A recente recusa do novo Governo italiano em acolher o navio humanitário Ocean Viking da organização não-governamental (ONG) SOS Méditerranée, com mais de 200 migrantes resgatados no Mediterrâneo a bordo, voltou a abrir a discussão sobre as questões migratórias no seio da UE.

Os migrantes seriam posteriormente acolhidos em França, mas o caso do Ocean Viking acabou por desencadear uma crise diplomática entre Paris e Roma, com as autoridades francesas a reclamarem iniciativas europeias para melhor controlo das fronteiras externas da UE.

Primeira-ministra italiana critica “resposta agressiva” de França no caso do navio ‘Ocean Viking’

Na reunião, a par do novo Pacto em Matéria de Migração e Asilo — que a Comissão Europeia apresentou em 23 de setembro de 2020 -, foi debatido um recente plano de ação que inclui 20 medidas concretas para responder aos desafios da rota do Mediterrâneo Central, que abrange Itália, e para conseguir respostas conjuntas face a um aumento generalizado dos fluxos migratórios.

A Política de Asilo é a forma como a UE organiza a capacidade de resposta dos Estados-membros aos migrantes que chegam às fronteiras externas da UE e pedem asilo.

Itália é abrangida pela chamada rota do Mediterrâneo Central, uma das rotas migratórias mais mortais, que sai da Líbia, Argélia e da Tunísia em direção à Europa, nomeadamente aos territórios italiano e maltês.

Mais de 50.000 pessoas morreram desde 2014 em rotas migratórias, grande parte para tentar chegar à Europa, avançou, na quarta-feira, a Organização Internacional para as Migrações (OIM).
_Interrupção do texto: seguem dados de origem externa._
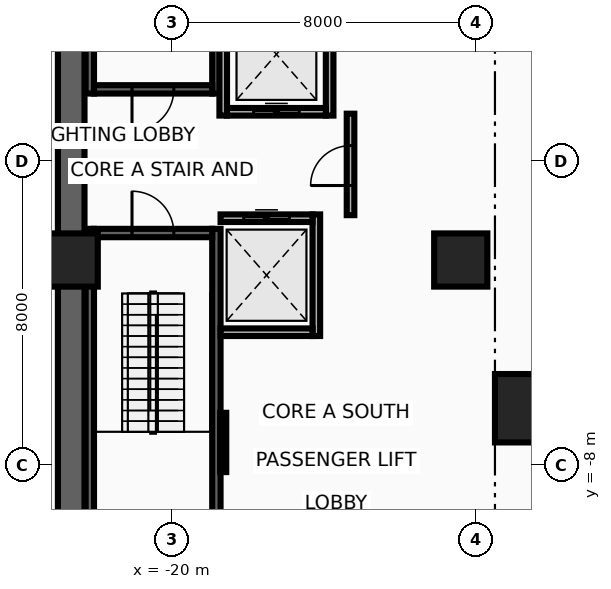
"""IFC4 building model, lengths in metres.
Left out: names, types, materials, properties, quantities, classifications, styles, units other than length and angle.
Written with IfcOpenShell. Run it as: python <this file> out.ifc"""

import sys

from ifc_helpers import new_model, si_unit, direction, frame, frame_2d, origin, origin_2d, place, context, subcontext, project, spatial, rectangle, extrude, source, transform, mapped, element, fill, save


model = new_model("IFC4")
c1 = context("Model", 3, precision=1e-05, world=origin(), true_north=direction((0.0, 1.0)))
c2 = subcontext(c1, "Body", "Model", "MODEL_VIEW")
j1 = project(units=[si_unit("LENGTHUNIT", "METRE"), si_unit("PLANEANGLEUNIT", "RADIAN")], contexts=[c1])
p1 = place(None, origin())
s1 = spatial("IfcSite", under=j1, at=p1, CompositionType="ELEMENT")
p2 = place(p1, origin())
s2 = spatial("IfcBuilding", under=s1, at=p2, CompositionType="ELEMENT")
p3 = place(p2, frame((0.0, 0.0, -9.6)))
s3 = spatial("IfcBuildingStorey", under=s2, at=p3, CompositionType="ELEMENT", Elevation=-9.6)
for number, where, z_axis, x_axis in (
    (1, (-22.16, 1.78, 0.0), (0.0, 0.0, 1.0), (0.0, 1.0, 0.0)),
    (2, (-18.83, 1.78, 0.0), (0.0, 0.0, 1.0), (0.0, 1.0, 0.0)),
):
    element("IfcWall", number, at=place(p3, frame(where, z_axis=z_axis, x_axis=x_axis)), inside=s3, PredefinedType="SHEAR", context=c2, shape_type="SweptSolid", body=[
        extrude(rectangle(XDim=8.67, YDim=0.22, at=frame_2d((4.335, 0.0))), origin(), (0.0, 0.0, 1.0), 4.54),
    ])
p4 = place(p3, frame((-22.05, 1.89, 0.0), z_axis=(0.0, 0.0, 1.0), x_axis=(1.0, 0.0, 0.0)))
e3 = element("IfcWall", 3, at=p4, inside=s3, PredefinedType="SHEAR", context=c2, shape_type="SweptSolid", body=[
    extrude(rectangle(XDim=3.11, YDim=0.22, at=frame_2d((1.555, 0.0))), origin(), (0.0, 0.0, 1.0), 4.54),
])
p5 = place(p4, frame((1.0, 0.0, 0.0)))
e4 = element("IfcOpeningElement", 4, at=p5, cuts=e3, PredefinedType="OPENING", context=c2, shape_type="SweptSolid", body=[
    extrude(rectangle(XDim=1.1, YDim=2.15, at=frame_2d((0.55, 1.075))), frame((0.0, 0.125, 0.0), z_axis=(0.0, -1.0, 0.0), x_axis=(1.0, 0.0, 0.0)), (0.0, 0.0, 1.0), 0.25),
])
for number, where, z_axis, x_axis in (
    (5, (-22.16, -10.45, 0.0), (0.0, 0.0, 1.0), (0.0, 1.0, 0.0)),
    (6, (-18.83, -10.45, 0.0), (0.0, 0.0, 1.0), (0.0, 1.0, 0.0)),
):
    element("IfcWall", number, at=place(p3, frame(where, z_axis=z_axis, x_axis=x_axis)), inside=s3, PredefinedType="SHEAR", context=c2, shape_type="SweptSolid", body=[
        extrude(rectangle(XDim=8.67, YDim=0.22, at=frame_2d((4.335, 0.0))), origin(), (0.0, 0.0, 1.0), 4.54),
    ])
p6 = place(p3, frame((-22.05, -1.89, 0.0), z_axis=(0.0, 0.0, 1.0), x_axis=(1.0, 0.0, 0.0)))
e7 = element("IfcWall", 7, at=p6, inside=s3, PredefinedType="SHEAR", context=c2, shape_type="SweptSolid", body=[
    extrude(rectangle(XDim=3.11, YDim=0.22, at=frame_2d((1.555, 0.0))), origin(), (0.0, 0.0, 1.0), 4.54),
])
p7 = place(p6, frame((1.0, 0.0, 0.0)))
e8 = element("IfcOpeningElement", 8, at=p7, cuts=e7, PredefinedType="OPENING", context=c2, shape_type="SweptSolid", body=[
    extrude(rectangle(XDim=1.1, YDim=2.15, at=frame_2d((0.55, 1.075))), frame((0.0, 0.125, 0.0), z_axis=(0.0, -1.0, 0.0), x_axis=(1.0, 0.0, 0.0)), (0.0, 0.0, 1.0), 0.25),
])
p8 = place(p3, frame((-22.65, -11.15, 0.0), z_axis=(0.0, 0.0, 1.0), x_axis=(0.0, 1.0, 0.0)))
e9 = element("IfcWall", 9, at=p8, inside=s3, PredefinedType="SHEAR", context=c2, shape_type="SweptSolid", body=[
    extrude(rectangle(XDim=22.3, YDim=0.7, at=frame_2d((11.15, 0.0))), origin(), (0.0, 0.0, 1.0), 4.54),
])
m1 = source(origin(), c2, "Body", "SweptSolid", [
    extrude(rectangle(XDim=1.4, YDim=1.4, at=origin_2d()), origin(), (0.0, 0.0, 1.0), 4.8),
])
for number, where, z_axis, x_axis in (
    (10, (-22.65, -2.6, 0.0), (0.0, 0.0, 1.0), (1.0, 0.0, 0.0)),
    (11, (-12.4, -2.6, 0.0), (0.0, 0.0, 1.0), (1.0, 0.0, 0.0)),
):
    element("IfcColumn", number, at=place(p3, frame(where, z_axis=z_axis, x_axis=x_axis)), inside=s3, PredefinedType="COLUMN", context=c2, shape_type="MappedRepresentation", body=[
        mapped(m1, transform((0.0, 0.0, 0.0), x_axis=(1.0, 0.0, 0.0), y_axis=(0.0, 1.0, 0.0), z_axis=(0.0, 0.0, 1.0), scale=1.0)),
    ])
m2 = source(origin(), c2, "Body", "SweptSolid", [
    extrude(rectangle(XDim=1.8, YDim=1.8, at=origin_2d()), origin(), (0.0, 0.0, 1.0), 4.8),
])
p9 = place(p3, frame((-10.6, -6.5, 0.0), z_axis=(0.0, 0.0, 1.0), x_axis=(1.0, 0.0, 0.0)))
e12 = element("IfcColumn", 12, at=p9, inside=s3, PredefinedType="COLUMN", context=c2, shape_type="MappedRepresentation", body=[
    mapped(m2, transform((0.0, 0.0, 0.0), x_axis=(1.0, 0.0, 0.0), y_axis=(0.0, 1.0, 0.0), z_axis=(0.0, 0.0, 1.0), scale=1.0)),
])
for number, where, z_axis, x_axis in (
    (13, (-18.65, 1.2, 0.0), (0.0, 0.0, 1.0), (0.0, 1.0, 0.0)),
    (14, (-15.85, 1.2, 0.0), (0.0, 0.0, 1.0), (0.0, 1.0, 0.0)),
):
    element("IfcWall", number, at=place(p3, frame(where, z_axis=z_axis, x_axis=x_axis)), inside=s3, PredefinedType="MOVABLE", context=c2, shape_type="SweptSolid", body=[
        extrude(rectangle(XDim=3.225, YDim=0.2, at=frame_2d((1.613, 0.0))), origin(), (0.0, 0.0, 1.0), 4.54),
    ])
p10 = place(p3, frame((-18.55, 1.3, 0.0), z_axis=(0.0, 0.0, 1.0), x_axis=(1.0, 0.0, 0.0)))
e15 = element("IfcWall", 15, at=p10, inside=s3, PredefinedType="MOVABLE", context=c2, shape_type="SweptSolid", body=[
    extrude(rectangle(XDim=2.6, YDim=0.2, at=frame_2d((1.3, 0.0))), origin(), (0.0, 0.0, 1.0), 4.54),
])
p11 = place(p10, frame((0.7, 0.0, 0.0)))
e16 = element("IfcOpeningElement", 16, at=p11, cuts=e15, PredefinedType="OPENING", context=c2, shape_type="SweptSolid", body=[
    extrude(rectangle(XDim=1.2, YDim=2.1, at=frame_2d((0.6, 1.05))), frame((0.0, 0.115, 0.0), z_axis=(0.0, -1.0, 0.0), x_axis=(1.0, 0.0, 0.0)), (0.0, 0.0, 1.0), 0.23),
])
p12 = place(p3, frame((-16.2, -4.6, 0.0), z_axis=(0.0, 0.0, 1.0), x_axis=(0.0, 1.0, 0.0)))
e17 = element("IfcWall", 17, at=p12, inside=s3, PredefinedType="MOVABLE", context=c2, shape_type="SweptSolid", body=[
    extrude(rectangle(XDim=3.2, YDim=0.2, at=frame_2d((1.6, 0.0))), origin(), (0.0, 0.0, 1.0), 4.54),
])
p13 = place(p3, frame((-18.72, -4.5, 0.0), z_axis=(0.0, 0.0, 1.0), x_axis=(1.0, 0.0, 0.0)))
e18 = element("IfcWall", 18, at=p13, inside=s3, PredefinedType="MOVABLE", context=c2, shape_type="SweptSolid", body=[
    extrude(rectangle(XDim=2.42, YDim=0.2, at=frame_2d((1.21, 0.0))), origin(), (0.0, 0.0, 1.0), 4.54),
])
p14 = place(p3, frame((-18.72, -1.5, 0.0), z_axis=(0.0, 0.0, 1.0), x_axis=(1.0, 0.0, 0.0)))
e19 = element("IfcWall", 19, at=p14, inside=s3, PredefinedType="MOVABLE", context=c2, shape_type="SweptSolid", body=[
    extrude(rectangle(XDim=2.42, YDim=0.2, at=frame_2d((1.21, 0.0))), origin(), (0.0, 0.0, 1.0), 4.54),
])
p15 = place(p14, frame((0.61, 0.0, 0.0)))
e20 = element("IfcOpeningElement", 20, at=p15, cuts=e19, PredefinedType="OPENING", context=c2, shape_type="SweptSolid", body=[
    extrude(rectangle(XDim=1.2, YDim=2.1, at=frame_2d((0.6, 1.05))), frame((0.0, 0.115, 0.0), z_axis=(0.0, -1.0, 0.0), x_axis=(1.0, 0.0, 0.0)), (0.0, 0.0, 1.0), 0.23),
])
p16 = place(p3, frame((-15.3, -1.42, 0.0), z_axis=(0.0, 0.0, 1.0), x_axis=(0.0, 1.0, 0.0)))
e21 = element("IfcWall", 21, at=p16, inside=s3, PredefinedType="PARTITIONING", context=c2, shape_type="SweptSolid", body=[
    extrude(rectangle(XDim=2.67, YDim=0.2, at=frame_2d((1.335, 0.0))), origin(), (0.0, 0.0, 1.0), 4.54),
])
p17 = place(p16, frame((0.78, 0.0, 0.0)))
e22 = element("IfcOpeningElement", 22, at=p17, cuts=e21, PredefinedType="OPENING", context=c2, shape_type="SweptSolid", body=[
    extrude(rectangle(XDim=1.05, YDim=2.15, at=frame_2d((0.525, 1.075))), frame((0.0, 0.115, 0.0), z_axis=(0.0, -1.0, 0.0), x_axis=(1.0, 0.0, 0.0)), (0.0, 0.0, 1.0), 0.23),
])
p18 = place(p3, frame((-18.65, -8.18, 0.0), z_axis=(0.0, 0.0, 1.0), x_axis=(0.0, 1.0, 0.0)))
e23 = element("IfcWall", 23, at=p18, inside=s3, PredefinedType="PARTITIONING", context=c2, shape_type="SweptSolid", body=[
    extrude(rectangle(XDim=1.56, YDim=0.16, at=frame_2d((0.78, 0.0))), origin(), (0.0, 0.0, 1.0), 4.54),
])
p19 = place(p11, origin())
e24 = element("IfcDoor", 24, at=p19, inside=s3, OperationType="DOUBLE_DOOR_SLIDING", PredefinedType="DOOR", context=c2, shape_type="SweptSolid", body=[
    extrude(rectangle(XDim=1.2, YDim=2.1, at=frame_2d((0.6, 1.05))), frame((0.0, 0.025, 0.0), z_axis=(0.0, -1.0, 0.0), x_axis=(1.0, 0.0, 0.0)), (0.0, 0.0, 1.0), 0.05),
])
fill(e16, e24)
p20 = place(p15, origin())
e25 = element("IfcDoor", 25, at=p20, inside=s3, OperationType="DOUBLE_DOOR_SLIDING", PredefinedType="DOOR", context=c2, shape_type="SweptSolid", body=[
    extrude(rectangle(XDim=1.2, YDim=2.1, at=frame_2d((0.6, 1.05))), frame((0.0, 0.025, 0.0), z_axis=(0.0, -1.0, 0.0), x_axis=(1.0, 0.0, 0.0)), (0.0, 0.0, 1.0), 0.05),
])
fill(e20, e25)
p21 = place(p17, origin())
e26 = element("IfcDoor", 26, at=p21, inside=s3, OperationType="SINGLE_SWING_RIGHT", PredefinedType="DOOR", context=c2, shape_type="SweptSolid", body=[
    extrude(rectangle(XDim=1.05, YDim=2.15, at=frame_2d((0.525, 1.075))), frame((0.0, 0.025, 0.0), z_axis=(0.0, -1.0, 0.0), x_axis=(1.0, 0.0, 0.0)), (0.0, 0.0, 1.0), 0.05),
])
fill(e22, e26)
p22 = place(p5, frame((1.1, 0.0, 0.0), z_axis=(0.0, 0.0, 1.0), x_axis=(-1.0, 0.0, 0.0)))
e27 = element("IfcDoor", 27, at=p22, inside=s3, OperationType="SINGLE_SWING_LEFT", PredefinedType="DOOR", context=c2, shape_type="SweptSolid", body=[
    extrude(rectangle(XDim=1.1, YDim=2.15, at=frame_2d((0.55, 1.075))), frame((0.0, 0.025, 0.0), z_axis=(0.0, -1.0, 0.0), x_axis=(1.0, 0.0, 0.0)), (0.0, 0.0, 1.0), 0.05),
])
fill(e4, e27)
p23 = place(p7, origin())
e28 = element("IfcDoor", 28, at=p23, inside=s3, OperationType="SINGLE_SWING_RIGHT", PredefinedType="DOOR", context=c2, shape_type="SweptSolid", body=[
    extrude(rectangle(XDim=1.1, YDim=2.15, at=frame_2d((0.55, 1.075))), frame((0.0, 0.025, 0.0), z_axis=(0.0, -1.0, 0.0), x_axis=(1.0, 0.0, 0.0)), (0.0, 0.0, 1.0), 0.05),
])
fill(e8, e28)
save(model, sys.argv[1])

Mais de metade das 50.000 mortes documentadas pela OIM aconteceram em rotas para e dentro da Europa, com o mar Mediterrâneo a reivindicar pelo menos 25.104 vidas.

Paris recusa deslocalizações se Itália não respeitar “a lei do mar”

A França advertiu a Itália de que não receberá requerentes de asilo que cheguem daquele país enquanto este não respeitar “a lei do mar” e continuar a recusar o desembarque de migrantes resgatados no Mediterrâneo.

Esta posição foi expressa esta sexta-feira pelo ministro do Interior francês, Gerald Darmanin, em Bruxelas. “Se a Itália não aceitar os barcos, não aceitar a lei do mar e (o princípio de) o porto mais seguro, não há nenhuma razão para que os países que garantem as deslocalizações sejam os mesmos que recebem diretamente os barcos ou acolhem os migrantes de África ou da Ásia“, disse Darmanin à chegada à reunião em Bruxelas.

Uma dúzia de países comprometeram-se a acolher cerca de 8.000 requerentes de asilo ao longo de um ano, com a França e a Alemanha a aceitarem cada um 3.500. No entanto, até agora, apenas uma centena de deslocalizações ocorreram.

Numa tentativa de reanimar este mecanismo, baseado numa ação voluntária dos Estados, a Comissão apresentou na segunda-feira um plano de ação sobre o Mediterrâneo Central.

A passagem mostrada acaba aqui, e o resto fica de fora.